When asked why she kept her secret so long, Huerta said she “believed that exposing the truth would hurt the farmworker movement I have spent my entire life fighting for.”

On Instagram Huerta wrote: “As a young mother in the 1960s, I experienced two separate sexual encounters with Cesar. The first time I was manipulated and pressured into having sex with him, and I didn’t feel I could say no because he was someone that I admired, my boss and the leader of the movement I had already devoted years of my life to. The second time I was forced, against my will, and in an environment where I felt trapped. 

“I had experienced abuse and sexual violence before, and I convinced myself these were incidents that I had to endure alone and in secret. Both sexual encounters with Cesar led to pregnancies. I chose to keep my pregnancies secret and, after the children were born, I arranged for them to be raised by other families that could give them stable lives.”

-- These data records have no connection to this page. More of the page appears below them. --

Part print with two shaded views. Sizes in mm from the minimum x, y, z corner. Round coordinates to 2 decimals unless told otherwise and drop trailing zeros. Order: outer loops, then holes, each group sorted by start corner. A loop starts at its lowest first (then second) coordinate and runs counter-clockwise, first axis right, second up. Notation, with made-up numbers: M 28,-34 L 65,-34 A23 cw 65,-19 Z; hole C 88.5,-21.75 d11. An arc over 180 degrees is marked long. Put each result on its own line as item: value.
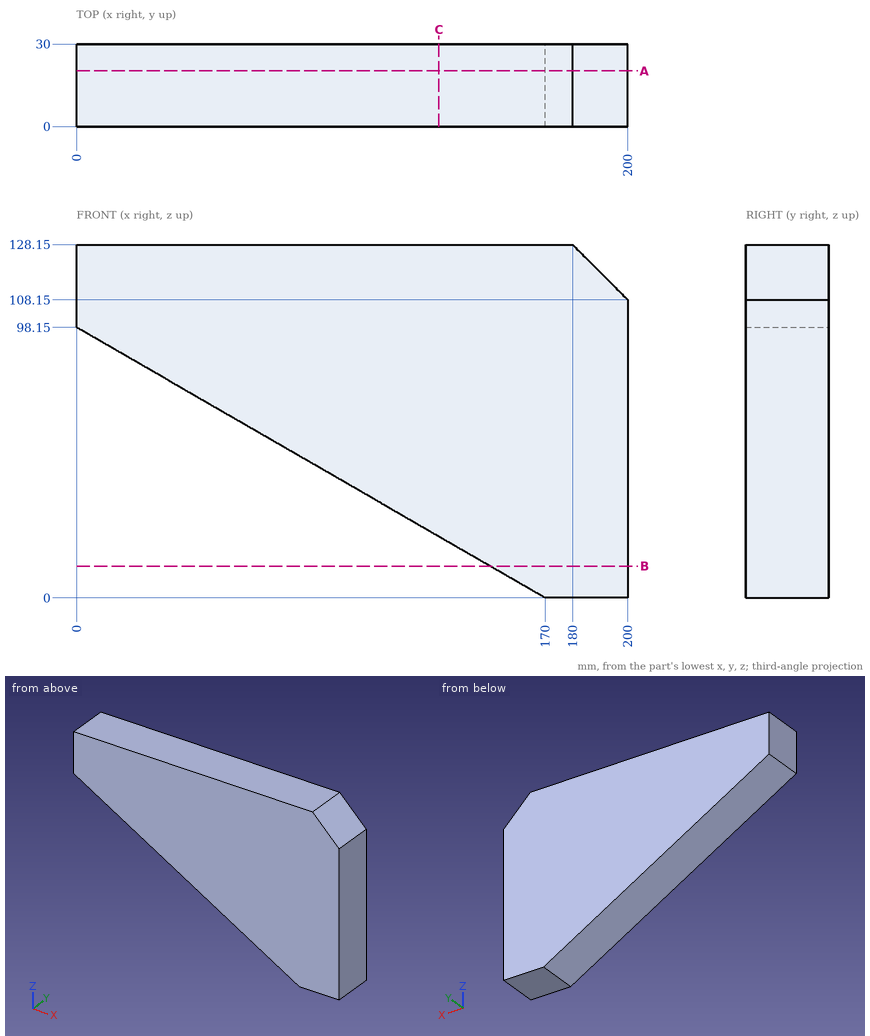
Item 1: Band-saw the part on B-B on z = 11.5. Give the cut face in (x, y), and give its area (3 significant figures).
Answers below:
outline: M 150.08,0 L 200,0 L 200,30 L 150.08,30 Z
area: 1,500 mm²
Item 2: Band-saw the part on A-A on y = 20.25. Give the cut face in (x, z), and give its area (3 significant figures).
Answers below:
outline: M 0,98.15 L 170,0 L 200,0 L 200,108.15 L 180,128.15 L 0,128.15 Z
area: 17,100 mm²
Item 3: Probe line 1 along Z through (x, y) = (86, 25.5); line 2 along Z through (x, y) = (83.5, 24.5); line 3 along X through (y, z) = (8.5, 51) (1 decimal). List the from-to ranges inside material, lowest first. Write a range as [from, to].
Answers below:
line 1: [48.5, 128.15]
line 2: [49.94, 128.15]
line 3: [81.7, 200]
Item 4: Band-saw the part on C-C on x = 131.5. Give the cut face in (y, z).
Answers below:
outline: M 0,22.23 L 30,22.23 L 30,128.15 L 0,128.15 Z
Item 5: Pin check, flat tips, straight feed: P1, Ø1, axis at y = 10, z = 97, coming from the -X side (1 decimal); P2, Ø5, axis at y = 8, z = 86, coming from the -X side (1 decimal); P3, Ø5, axis at x = 30.5, y = 11, coming from the -Z side. Stop position of each tip, or through.
Answers below:
P1: x = 1.1
P2: x = 16.7
P3: z = 79.1

In 2009 the CUSD Board of Trustees chose the name of Cesar Chavez for the new junior high school in east Ceres. It was a controversial choice given that CUSD’s policy called for the naming of schools after local figures who contributed to education in Ceres. That policy resulted in recent Ceres schools being named after Mae Hensley, Virginia Parks, Sam Vaughn, Joel Hidahl, Patricia Kay Beaver and Walt Hanline as well as the Berryhill, La Rosa and Sinclear families.  The board, which had been populated by more Latino members then, however, went against their own policy, grating against those who were suggesting the names of community members Wayne Salter and Phil de la Porte.